Duzallo is a medicine used in adults with gout to reduce high levels of uric acid in the blood. It is used when allopurinol on its own is not able to control uric acid levels sufficiently.
Gout results from a build-up of uric acid crystals in and around the joints, especially in the toes, which causes pain and swelling.
Duzallo contains the active substances allopurinol and lesinurad.
Duzallo is available as tablets containing either 200 or 300 mg of allopurinol in combination with 200 mg of lesinurad. The strength of Duzallo tablet is chosen to match the dose of allopurinol the patient has been taking. The recommended dose is one tablet once daily, in the morning.
Patients should drink plenty of water throughout the day. The medicine can only be obtained with a prescription.
The two active substances in Duzallo work in different ways to prevent the build-up of uric acid:
- Lesinurad helps to remove uric acid from the body by blocking a protein called ‘uric acid transporter-1’ (URAT1) in the kidneys. URAT1 allows uric acid to return to the blood after the kidneys have filtered it out. By blocking URAT1, more uric acid is passed out in the urine and less remains in the blood.
- Allopurinol reduces the production of uric acid in the body by blocking an enzyme called xanthine oxidase, which is needed to make uric acid in the body.
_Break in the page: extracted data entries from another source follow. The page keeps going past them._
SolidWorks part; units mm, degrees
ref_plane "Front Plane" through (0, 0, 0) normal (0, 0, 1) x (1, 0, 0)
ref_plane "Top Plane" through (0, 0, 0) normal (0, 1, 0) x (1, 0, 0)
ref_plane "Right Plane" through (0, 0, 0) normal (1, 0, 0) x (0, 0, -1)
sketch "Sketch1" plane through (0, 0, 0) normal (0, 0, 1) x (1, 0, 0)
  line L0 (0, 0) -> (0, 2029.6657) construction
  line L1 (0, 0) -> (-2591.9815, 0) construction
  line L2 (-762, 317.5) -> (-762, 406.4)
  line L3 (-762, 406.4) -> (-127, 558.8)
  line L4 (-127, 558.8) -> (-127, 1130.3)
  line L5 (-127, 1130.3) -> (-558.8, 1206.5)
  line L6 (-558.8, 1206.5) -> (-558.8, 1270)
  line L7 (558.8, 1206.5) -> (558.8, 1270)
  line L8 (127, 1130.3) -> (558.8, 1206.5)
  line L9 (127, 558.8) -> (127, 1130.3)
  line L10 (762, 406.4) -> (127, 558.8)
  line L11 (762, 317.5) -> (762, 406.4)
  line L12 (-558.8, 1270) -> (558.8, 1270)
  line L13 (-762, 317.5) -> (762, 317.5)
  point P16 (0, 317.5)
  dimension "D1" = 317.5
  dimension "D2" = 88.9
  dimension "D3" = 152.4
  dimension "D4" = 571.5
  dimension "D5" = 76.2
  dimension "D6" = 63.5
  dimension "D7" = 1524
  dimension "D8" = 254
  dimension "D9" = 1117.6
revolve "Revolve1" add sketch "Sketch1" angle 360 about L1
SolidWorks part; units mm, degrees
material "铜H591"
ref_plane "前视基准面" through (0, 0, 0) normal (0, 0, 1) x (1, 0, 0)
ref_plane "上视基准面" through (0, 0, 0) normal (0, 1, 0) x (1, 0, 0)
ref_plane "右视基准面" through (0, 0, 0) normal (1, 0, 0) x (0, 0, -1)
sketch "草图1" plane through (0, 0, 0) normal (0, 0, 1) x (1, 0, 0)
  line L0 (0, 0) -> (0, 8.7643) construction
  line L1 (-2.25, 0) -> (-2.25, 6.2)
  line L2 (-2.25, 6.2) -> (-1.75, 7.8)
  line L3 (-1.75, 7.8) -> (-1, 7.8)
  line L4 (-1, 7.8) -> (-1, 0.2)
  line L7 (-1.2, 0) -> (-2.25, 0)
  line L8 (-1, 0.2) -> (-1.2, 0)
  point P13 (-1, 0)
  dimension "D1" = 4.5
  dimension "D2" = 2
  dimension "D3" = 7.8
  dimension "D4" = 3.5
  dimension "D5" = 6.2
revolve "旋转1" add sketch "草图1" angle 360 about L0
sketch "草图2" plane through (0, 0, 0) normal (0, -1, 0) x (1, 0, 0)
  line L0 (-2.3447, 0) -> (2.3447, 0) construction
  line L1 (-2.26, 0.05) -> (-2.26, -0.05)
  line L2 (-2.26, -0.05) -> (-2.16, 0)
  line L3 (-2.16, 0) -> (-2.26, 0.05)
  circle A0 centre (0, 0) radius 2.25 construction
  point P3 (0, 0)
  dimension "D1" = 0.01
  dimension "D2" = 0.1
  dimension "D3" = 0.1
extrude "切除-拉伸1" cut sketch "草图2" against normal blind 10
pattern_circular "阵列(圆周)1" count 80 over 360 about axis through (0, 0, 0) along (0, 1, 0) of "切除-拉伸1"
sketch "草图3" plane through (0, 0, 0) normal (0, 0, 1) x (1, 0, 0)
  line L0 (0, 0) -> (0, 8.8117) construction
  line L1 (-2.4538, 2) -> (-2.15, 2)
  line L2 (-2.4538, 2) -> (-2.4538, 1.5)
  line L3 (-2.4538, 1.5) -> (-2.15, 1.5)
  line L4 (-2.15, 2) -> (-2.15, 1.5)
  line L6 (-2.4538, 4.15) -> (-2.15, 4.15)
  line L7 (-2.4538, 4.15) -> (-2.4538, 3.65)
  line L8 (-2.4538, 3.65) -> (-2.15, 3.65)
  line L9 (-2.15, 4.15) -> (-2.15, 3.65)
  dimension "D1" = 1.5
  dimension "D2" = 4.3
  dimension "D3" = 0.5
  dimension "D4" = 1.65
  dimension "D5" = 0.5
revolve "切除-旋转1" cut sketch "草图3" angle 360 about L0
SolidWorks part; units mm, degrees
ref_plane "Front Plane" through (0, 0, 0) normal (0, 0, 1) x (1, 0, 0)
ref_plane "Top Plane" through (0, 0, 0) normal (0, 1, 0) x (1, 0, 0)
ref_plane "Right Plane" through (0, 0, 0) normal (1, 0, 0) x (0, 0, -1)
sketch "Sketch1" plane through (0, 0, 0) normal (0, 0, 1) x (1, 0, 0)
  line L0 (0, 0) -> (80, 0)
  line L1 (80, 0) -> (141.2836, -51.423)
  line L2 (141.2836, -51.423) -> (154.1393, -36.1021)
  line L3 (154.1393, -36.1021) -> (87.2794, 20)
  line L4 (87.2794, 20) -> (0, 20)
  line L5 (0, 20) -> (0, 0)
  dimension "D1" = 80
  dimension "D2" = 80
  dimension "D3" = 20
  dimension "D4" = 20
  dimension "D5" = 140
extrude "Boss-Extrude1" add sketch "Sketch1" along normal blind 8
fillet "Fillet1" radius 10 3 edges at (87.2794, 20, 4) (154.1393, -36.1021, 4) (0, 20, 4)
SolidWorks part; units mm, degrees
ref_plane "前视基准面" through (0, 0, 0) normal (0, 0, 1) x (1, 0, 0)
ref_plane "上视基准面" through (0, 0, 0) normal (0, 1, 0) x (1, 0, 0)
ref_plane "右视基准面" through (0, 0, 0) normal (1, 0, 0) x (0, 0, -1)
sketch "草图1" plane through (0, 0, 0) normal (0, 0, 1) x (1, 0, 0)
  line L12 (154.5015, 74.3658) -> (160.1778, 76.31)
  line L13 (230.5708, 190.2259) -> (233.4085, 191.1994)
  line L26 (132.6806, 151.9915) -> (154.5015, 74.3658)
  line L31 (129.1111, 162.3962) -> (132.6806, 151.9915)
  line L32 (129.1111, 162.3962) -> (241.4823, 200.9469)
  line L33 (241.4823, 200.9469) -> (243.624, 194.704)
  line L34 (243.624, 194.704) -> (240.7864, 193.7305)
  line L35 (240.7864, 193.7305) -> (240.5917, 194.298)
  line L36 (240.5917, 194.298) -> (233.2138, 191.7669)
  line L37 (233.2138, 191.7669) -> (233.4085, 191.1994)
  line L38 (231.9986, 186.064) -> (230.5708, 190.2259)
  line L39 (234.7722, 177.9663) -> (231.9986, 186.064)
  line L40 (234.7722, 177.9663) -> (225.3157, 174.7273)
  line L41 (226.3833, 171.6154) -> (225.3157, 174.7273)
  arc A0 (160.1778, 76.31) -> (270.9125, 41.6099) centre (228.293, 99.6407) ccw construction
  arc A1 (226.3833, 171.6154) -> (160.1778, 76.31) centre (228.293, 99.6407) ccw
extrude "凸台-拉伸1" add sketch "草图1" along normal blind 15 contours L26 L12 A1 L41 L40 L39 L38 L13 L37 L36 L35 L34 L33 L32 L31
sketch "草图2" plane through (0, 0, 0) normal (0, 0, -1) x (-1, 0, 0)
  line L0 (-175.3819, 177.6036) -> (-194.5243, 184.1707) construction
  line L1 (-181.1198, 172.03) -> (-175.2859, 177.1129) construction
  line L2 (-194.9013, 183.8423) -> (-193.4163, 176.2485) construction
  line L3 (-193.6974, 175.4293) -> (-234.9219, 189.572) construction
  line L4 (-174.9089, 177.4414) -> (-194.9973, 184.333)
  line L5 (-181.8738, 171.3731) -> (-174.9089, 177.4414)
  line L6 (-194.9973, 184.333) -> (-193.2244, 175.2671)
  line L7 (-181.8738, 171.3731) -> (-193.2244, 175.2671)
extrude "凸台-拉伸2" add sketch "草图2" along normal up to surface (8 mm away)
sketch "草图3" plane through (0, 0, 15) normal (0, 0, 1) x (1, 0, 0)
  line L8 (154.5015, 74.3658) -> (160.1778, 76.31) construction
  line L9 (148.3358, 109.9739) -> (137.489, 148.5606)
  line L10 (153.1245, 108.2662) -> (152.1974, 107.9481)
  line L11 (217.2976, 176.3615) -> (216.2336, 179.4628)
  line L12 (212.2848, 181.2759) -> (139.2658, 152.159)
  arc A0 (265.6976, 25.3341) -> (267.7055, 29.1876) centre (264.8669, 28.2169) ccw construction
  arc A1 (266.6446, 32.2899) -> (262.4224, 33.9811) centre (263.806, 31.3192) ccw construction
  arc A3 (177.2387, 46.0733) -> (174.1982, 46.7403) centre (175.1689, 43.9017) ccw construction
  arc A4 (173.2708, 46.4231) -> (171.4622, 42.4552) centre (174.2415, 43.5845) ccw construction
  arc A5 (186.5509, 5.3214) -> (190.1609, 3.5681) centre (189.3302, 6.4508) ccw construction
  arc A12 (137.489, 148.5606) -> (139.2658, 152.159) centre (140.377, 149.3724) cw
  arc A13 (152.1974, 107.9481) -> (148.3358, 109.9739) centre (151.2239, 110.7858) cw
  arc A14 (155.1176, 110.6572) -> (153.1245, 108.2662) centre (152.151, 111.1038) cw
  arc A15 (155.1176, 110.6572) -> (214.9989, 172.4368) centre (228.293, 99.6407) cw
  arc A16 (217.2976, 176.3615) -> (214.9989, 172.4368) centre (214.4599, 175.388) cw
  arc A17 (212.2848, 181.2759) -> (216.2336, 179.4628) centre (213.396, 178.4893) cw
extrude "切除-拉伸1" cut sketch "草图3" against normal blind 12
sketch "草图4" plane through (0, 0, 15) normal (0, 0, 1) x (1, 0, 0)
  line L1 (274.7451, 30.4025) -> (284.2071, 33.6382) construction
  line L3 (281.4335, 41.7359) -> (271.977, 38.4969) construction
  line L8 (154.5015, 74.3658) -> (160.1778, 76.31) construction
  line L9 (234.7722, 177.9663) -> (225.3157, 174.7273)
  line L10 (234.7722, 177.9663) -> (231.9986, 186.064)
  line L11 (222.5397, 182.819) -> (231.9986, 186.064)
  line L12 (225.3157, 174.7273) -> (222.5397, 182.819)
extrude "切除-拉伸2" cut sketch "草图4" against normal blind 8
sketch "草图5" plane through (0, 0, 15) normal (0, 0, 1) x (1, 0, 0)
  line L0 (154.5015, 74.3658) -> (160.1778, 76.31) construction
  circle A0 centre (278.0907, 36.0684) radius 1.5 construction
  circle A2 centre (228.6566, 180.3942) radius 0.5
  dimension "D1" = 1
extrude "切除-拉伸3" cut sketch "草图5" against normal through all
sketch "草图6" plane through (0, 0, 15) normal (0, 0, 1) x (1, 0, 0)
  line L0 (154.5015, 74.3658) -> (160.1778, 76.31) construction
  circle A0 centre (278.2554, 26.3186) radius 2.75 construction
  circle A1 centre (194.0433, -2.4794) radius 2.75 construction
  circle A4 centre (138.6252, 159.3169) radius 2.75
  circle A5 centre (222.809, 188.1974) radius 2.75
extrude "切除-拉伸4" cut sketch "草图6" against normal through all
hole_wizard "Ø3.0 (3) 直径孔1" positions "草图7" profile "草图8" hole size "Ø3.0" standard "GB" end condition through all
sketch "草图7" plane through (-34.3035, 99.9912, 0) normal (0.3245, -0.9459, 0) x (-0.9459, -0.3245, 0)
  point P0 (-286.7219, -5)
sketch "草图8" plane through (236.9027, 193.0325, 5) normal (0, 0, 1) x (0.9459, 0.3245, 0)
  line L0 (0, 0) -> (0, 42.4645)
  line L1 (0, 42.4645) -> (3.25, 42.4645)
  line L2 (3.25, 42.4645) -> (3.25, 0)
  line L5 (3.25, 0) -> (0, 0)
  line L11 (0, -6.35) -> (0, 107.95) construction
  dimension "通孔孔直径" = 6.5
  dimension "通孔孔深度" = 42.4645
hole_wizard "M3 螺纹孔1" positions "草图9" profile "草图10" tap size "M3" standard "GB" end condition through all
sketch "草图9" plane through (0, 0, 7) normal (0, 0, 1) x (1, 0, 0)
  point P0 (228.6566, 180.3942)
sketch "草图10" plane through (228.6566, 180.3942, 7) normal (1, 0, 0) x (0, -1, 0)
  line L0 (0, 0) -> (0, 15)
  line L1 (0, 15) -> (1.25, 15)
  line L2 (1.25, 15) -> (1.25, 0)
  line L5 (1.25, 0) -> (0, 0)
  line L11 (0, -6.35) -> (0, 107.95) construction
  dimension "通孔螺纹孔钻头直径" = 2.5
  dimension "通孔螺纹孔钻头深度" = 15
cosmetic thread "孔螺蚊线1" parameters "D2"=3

By reducing the production of uric acid, allopurinol can reduce levels of uric acid in the blood and keep them low, stopping crystals from building up.
The most common side effects with Duzallo (which may affect up to 1 in 10 people) are flu, gastro-oesophageal reflux disease (stomach acid coming back to the mouth), headache and blood tests showing increased blood creatinine levels (a marker of kidney function). The most serious adverse reactions were kidney failure, reduced kidney function, and kidney stones, which affected less than 1 patient in 100. For the full list of side effects reported with Duzallo, see the package leaflet.
Duzallo must not be taken by patients with severely reduced kidney function, including those who have severely impaired kidney function, who are on dialysis or have received a kidney transplant. It must also not be taken in patients with tumour lysis syndrome (a complication due to the rapid breakdown of cancer cells during cancer treatment) or Lesch-Nyhan syndrome (a rare genetic disease).